Tim Armstrong commented on IMPALA-4249:
---------------------------------------

We could consider using std::shared_ptr here since it does seem to be a genuine case of shared ownership.

> Clarify lifetime of DiskIoMgr::ScanRange objects
> ------------------------------------------------
>
>                 Key: IMPALA-4249
>                 URL: https://issues.apache.org/jira/browse/IMPALA-4249
>             Project: IMPALA
>          Issue Type: Improvement
>          Components: Backend
>    Affects Versions: Impala 2.8.0
>            Reporter: Tim Armstrong
>            Priority: Minor
>              Labels: resource-management
>
> When working on the DiskIoMgr code I noticed that the lifetime of the ScanRange objects isn't very clear. In particular, it's not clear when it is safe for a client to free the ScanRange object. We should at least document the expectation in the code.

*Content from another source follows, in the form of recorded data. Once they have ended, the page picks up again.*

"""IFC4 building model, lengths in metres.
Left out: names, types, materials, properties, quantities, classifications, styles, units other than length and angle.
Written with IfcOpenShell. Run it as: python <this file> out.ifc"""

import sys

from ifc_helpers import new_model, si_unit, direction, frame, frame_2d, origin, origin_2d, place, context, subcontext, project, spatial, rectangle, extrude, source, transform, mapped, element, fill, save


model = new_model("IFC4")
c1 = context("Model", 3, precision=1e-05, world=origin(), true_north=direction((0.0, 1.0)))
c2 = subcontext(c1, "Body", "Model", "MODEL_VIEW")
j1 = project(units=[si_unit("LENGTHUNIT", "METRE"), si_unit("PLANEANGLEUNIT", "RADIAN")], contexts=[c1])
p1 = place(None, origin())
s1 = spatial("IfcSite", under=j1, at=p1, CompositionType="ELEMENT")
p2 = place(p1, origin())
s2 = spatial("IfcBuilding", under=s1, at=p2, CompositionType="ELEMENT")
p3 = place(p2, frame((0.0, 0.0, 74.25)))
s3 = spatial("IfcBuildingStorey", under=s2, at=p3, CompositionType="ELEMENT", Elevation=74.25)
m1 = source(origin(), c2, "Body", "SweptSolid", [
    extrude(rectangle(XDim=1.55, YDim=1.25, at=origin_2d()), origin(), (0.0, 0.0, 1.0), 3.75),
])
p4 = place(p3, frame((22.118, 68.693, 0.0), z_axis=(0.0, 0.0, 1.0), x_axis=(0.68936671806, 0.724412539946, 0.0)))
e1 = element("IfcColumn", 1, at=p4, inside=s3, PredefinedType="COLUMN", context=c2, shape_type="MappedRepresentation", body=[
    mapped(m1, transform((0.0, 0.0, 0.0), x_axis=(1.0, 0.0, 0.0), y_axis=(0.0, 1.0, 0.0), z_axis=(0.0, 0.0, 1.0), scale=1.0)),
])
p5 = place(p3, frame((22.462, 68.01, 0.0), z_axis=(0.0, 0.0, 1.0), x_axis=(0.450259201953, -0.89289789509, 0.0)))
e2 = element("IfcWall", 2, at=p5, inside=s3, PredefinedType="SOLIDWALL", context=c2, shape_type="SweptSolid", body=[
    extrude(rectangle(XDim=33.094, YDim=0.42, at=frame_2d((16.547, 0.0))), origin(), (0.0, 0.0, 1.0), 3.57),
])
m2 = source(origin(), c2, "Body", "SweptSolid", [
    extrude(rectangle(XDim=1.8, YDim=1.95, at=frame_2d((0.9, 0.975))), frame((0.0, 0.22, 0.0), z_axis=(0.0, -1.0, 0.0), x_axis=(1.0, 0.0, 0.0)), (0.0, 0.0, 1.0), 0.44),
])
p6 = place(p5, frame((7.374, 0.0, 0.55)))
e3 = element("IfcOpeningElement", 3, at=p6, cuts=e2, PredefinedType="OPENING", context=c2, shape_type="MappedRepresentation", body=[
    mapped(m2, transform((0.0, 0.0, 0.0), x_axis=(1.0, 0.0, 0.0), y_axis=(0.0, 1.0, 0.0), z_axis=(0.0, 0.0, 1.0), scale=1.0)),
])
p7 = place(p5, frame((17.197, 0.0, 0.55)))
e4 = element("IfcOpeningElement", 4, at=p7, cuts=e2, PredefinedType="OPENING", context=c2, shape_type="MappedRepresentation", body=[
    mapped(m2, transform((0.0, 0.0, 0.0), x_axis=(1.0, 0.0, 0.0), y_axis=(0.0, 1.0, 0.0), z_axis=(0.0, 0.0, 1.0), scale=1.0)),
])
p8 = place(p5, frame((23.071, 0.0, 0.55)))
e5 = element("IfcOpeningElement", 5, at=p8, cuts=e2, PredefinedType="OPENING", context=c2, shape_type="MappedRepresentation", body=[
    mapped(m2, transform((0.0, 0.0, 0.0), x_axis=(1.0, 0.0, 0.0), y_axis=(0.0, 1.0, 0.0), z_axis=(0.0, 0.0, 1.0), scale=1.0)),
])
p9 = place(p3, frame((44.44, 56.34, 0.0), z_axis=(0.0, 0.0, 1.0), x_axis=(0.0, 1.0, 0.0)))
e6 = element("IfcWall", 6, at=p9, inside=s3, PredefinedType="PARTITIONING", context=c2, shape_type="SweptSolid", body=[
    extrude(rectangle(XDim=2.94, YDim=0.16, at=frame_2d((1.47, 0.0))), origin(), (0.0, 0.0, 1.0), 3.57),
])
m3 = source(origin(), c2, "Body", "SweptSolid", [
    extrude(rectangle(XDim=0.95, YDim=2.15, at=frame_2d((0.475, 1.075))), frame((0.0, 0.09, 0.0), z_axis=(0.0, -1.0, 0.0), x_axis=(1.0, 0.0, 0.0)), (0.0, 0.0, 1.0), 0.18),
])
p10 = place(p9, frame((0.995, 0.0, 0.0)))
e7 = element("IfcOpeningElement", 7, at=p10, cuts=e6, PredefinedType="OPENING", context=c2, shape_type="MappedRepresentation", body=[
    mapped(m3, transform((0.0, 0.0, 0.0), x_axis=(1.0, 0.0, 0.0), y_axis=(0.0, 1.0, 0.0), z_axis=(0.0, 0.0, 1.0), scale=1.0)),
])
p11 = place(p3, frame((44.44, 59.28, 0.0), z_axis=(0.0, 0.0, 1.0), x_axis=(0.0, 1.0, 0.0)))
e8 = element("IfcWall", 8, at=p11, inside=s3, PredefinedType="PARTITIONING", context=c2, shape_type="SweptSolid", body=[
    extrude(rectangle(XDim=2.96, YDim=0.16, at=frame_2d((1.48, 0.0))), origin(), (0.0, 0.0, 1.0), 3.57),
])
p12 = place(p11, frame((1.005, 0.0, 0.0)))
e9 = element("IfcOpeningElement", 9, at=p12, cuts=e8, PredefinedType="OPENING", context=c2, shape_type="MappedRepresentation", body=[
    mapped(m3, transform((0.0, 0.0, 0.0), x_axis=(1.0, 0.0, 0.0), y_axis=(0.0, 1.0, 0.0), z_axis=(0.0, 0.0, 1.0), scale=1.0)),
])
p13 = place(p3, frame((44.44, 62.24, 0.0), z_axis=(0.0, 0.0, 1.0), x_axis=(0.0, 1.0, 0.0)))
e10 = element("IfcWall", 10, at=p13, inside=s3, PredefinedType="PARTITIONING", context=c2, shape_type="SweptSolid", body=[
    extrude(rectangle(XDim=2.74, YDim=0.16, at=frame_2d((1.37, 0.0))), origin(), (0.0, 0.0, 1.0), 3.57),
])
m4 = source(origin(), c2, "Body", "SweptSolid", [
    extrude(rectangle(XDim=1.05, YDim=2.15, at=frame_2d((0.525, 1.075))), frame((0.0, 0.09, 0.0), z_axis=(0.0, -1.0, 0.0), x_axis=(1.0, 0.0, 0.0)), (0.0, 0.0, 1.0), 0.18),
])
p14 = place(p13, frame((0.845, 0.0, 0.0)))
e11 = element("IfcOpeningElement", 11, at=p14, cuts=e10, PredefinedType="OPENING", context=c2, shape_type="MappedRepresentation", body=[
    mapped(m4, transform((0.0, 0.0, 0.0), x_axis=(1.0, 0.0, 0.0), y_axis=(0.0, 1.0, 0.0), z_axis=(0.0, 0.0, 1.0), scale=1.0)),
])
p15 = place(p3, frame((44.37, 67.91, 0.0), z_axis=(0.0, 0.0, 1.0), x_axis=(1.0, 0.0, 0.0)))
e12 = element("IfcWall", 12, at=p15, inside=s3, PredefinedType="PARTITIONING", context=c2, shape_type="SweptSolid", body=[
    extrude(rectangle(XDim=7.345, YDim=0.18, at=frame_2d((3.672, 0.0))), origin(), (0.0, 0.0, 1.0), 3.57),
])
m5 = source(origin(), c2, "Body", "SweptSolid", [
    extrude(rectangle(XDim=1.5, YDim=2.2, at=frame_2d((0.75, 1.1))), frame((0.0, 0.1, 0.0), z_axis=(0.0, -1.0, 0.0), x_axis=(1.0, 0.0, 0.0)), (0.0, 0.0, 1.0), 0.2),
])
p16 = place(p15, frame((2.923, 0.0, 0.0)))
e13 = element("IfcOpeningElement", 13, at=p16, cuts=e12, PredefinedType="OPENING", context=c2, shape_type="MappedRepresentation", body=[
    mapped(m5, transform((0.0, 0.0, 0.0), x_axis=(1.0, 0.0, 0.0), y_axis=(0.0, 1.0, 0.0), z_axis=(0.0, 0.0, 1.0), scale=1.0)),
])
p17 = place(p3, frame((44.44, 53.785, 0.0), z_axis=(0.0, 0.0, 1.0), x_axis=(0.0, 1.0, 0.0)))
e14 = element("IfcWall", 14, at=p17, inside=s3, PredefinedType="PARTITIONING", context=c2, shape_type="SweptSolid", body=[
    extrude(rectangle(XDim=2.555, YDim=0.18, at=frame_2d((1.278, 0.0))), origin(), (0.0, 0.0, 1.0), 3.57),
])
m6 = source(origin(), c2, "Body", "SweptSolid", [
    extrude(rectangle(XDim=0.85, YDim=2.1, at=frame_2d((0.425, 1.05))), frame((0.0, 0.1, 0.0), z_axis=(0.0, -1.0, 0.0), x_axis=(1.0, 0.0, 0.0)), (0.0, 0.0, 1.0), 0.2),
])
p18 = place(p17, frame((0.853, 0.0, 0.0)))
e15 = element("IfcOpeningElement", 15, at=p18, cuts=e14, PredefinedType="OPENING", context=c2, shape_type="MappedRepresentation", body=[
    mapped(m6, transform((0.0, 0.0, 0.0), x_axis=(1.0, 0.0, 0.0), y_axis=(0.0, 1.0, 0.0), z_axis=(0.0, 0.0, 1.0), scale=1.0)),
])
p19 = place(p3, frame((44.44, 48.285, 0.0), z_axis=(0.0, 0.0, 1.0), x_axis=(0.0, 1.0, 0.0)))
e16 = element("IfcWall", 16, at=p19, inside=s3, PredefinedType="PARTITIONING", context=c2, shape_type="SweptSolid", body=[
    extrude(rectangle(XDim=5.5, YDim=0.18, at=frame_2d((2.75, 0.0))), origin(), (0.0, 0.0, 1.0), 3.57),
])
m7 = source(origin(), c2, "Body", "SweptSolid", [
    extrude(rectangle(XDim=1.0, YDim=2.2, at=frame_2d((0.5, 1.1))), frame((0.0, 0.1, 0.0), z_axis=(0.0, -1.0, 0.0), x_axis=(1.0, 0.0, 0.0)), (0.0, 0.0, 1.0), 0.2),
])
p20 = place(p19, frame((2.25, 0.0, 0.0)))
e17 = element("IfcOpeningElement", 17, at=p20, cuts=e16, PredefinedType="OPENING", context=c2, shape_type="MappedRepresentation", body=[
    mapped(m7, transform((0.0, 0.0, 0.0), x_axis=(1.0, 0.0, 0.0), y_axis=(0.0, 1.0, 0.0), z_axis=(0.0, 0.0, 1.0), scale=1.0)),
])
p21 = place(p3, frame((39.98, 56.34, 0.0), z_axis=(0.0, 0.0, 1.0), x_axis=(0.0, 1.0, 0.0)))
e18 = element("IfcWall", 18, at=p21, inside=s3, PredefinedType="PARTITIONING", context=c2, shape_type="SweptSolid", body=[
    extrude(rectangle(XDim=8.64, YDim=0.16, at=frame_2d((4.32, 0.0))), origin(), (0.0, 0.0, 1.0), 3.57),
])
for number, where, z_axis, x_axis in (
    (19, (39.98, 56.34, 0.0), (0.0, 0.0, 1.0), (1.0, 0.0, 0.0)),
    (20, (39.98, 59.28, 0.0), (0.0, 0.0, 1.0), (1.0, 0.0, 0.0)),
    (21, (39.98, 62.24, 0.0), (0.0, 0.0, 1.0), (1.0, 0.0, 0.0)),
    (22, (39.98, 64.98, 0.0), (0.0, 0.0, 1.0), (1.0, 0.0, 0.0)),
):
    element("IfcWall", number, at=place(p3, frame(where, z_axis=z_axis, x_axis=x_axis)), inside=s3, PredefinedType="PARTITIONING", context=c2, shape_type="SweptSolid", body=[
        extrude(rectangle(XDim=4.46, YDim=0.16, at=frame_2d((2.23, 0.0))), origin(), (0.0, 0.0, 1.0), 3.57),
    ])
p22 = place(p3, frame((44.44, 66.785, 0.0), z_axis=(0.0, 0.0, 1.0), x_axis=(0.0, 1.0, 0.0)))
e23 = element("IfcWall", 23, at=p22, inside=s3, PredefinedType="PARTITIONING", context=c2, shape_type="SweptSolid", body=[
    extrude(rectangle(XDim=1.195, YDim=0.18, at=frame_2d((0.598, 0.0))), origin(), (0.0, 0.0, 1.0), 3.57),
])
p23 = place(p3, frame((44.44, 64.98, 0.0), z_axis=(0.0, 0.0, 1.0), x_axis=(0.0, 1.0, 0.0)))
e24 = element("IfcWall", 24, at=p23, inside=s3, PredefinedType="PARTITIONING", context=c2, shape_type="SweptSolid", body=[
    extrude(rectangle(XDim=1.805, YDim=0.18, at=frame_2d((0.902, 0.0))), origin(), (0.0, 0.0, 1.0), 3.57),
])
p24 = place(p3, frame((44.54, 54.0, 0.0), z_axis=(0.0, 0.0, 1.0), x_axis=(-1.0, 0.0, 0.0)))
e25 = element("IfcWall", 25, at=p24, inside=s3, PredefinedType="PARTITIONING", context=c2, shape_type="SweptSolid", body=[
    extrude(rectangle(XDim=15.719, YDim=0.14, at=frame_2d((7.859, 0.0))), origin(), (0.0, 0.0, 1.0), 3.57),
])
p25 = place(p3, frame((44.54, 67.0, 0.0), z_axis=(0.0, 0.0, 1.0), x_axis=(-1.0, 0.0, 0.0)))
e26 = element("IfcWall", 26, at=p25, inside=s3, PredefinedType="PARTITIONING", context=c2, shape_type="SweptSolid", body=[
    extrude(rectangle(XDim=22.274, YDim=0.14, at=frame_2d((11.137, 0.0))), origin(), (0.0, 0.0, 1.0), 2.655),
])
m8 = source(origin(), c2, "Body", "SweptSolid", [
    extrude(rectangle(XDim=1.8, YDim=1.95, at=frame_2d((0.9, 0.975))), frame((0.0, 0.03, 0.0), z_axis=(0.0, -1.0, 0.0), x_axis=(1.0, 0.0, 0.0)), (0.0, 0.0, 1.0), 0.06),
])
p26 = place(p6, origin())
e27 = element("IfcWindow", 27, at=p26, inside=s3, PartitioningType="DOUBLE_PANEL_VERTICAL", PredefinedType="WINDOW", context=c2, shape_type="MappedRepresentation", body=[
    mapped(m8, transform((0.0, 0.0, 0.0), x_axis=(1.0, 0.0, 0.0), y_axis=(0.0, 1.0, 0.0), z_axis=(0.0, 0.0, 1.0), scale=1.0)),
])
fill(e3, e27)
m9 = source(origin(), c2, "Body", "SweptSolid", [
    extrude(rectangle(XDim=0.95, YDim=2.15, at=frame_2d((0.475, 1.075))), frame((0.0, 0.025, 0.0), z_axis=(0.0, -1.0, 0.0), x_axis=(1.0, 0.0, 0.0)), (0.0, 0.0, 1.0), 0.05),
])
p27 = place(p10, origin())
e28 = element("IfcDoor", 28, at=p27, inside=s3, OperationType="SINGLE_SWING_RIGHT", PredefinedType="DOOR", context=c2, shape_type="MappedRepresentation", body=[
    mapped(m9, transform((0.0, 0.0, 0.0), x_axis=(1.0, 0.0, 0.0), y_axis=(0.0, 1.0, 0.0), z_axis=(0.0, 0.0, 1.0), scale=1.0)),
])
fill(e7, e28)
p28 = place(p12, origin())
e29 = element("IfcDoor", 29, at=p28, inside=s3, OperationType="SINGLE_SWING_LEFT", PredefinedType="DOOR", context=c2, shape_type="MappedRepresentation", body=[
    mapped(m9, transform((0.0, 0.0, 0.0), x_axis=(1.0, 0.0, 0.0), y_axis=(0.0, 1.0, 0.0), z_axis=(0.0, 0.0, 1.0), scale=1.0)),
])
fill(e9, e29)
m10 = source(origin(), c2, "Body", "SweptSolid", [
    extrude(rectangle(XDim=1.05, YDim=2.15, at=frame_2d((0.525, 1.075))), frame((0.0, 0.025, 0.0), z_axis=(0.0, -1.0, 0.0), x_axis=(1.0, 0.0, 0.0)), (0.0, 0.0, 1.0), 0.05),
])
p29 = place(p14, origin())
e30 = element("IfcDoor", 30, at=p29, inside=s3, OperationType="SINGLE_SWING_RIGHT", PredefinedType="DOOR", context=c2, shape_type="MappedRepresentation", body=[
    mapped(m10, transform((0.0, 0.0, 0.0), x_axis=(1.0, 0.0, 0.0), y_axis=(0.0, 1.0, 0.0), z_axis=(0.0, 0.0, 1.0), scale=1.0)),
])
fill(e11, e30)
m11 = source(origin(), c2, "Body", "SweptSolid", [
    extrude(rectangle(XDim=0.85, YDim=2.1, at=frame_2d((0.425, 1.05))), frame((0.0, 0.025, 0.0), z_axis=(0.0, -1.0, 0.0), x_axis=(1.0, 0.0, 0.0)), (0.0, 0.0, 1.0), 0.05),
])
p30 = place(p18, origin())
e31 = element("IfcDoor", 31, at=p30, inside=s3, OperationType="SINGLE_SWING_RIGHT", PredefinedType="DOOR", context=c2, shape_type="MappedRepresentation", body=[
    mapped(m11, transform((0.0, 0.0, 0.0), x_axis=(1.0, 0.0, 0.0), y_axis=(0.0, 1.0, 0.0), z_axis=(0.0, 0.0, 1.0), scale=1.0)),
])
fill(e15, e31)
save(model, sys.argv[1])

> It seems like in principle that the client should be able to free the scan range after it hits eosr() or cancels the scan range. However, that's not true because a) BufferDescriptors hold internal pointers to the ScanRange and b) the DiskIoMgr touches the ScanRange in the below code after enqueueing the last buffer:
> {code}
>   bool queue_full = scan_range->EnqueueBuffer(buffer);
>   if (eosr) {
>     // For cached buffers, we can't close the range until the cached buffer is returned.
>     // Close() is called from DiskIoMgr::ReturnBuffer().
>     if (!is_cached) scan_range->Close();
>   } else {
> ...
> {code}
> It seems like we (mostly?) avoid issues by sticking the ScanRanges in object pools where they will outlive the reader contexts. This seems suboptimal - we shouldn't really leave lots of small unused objects lying around.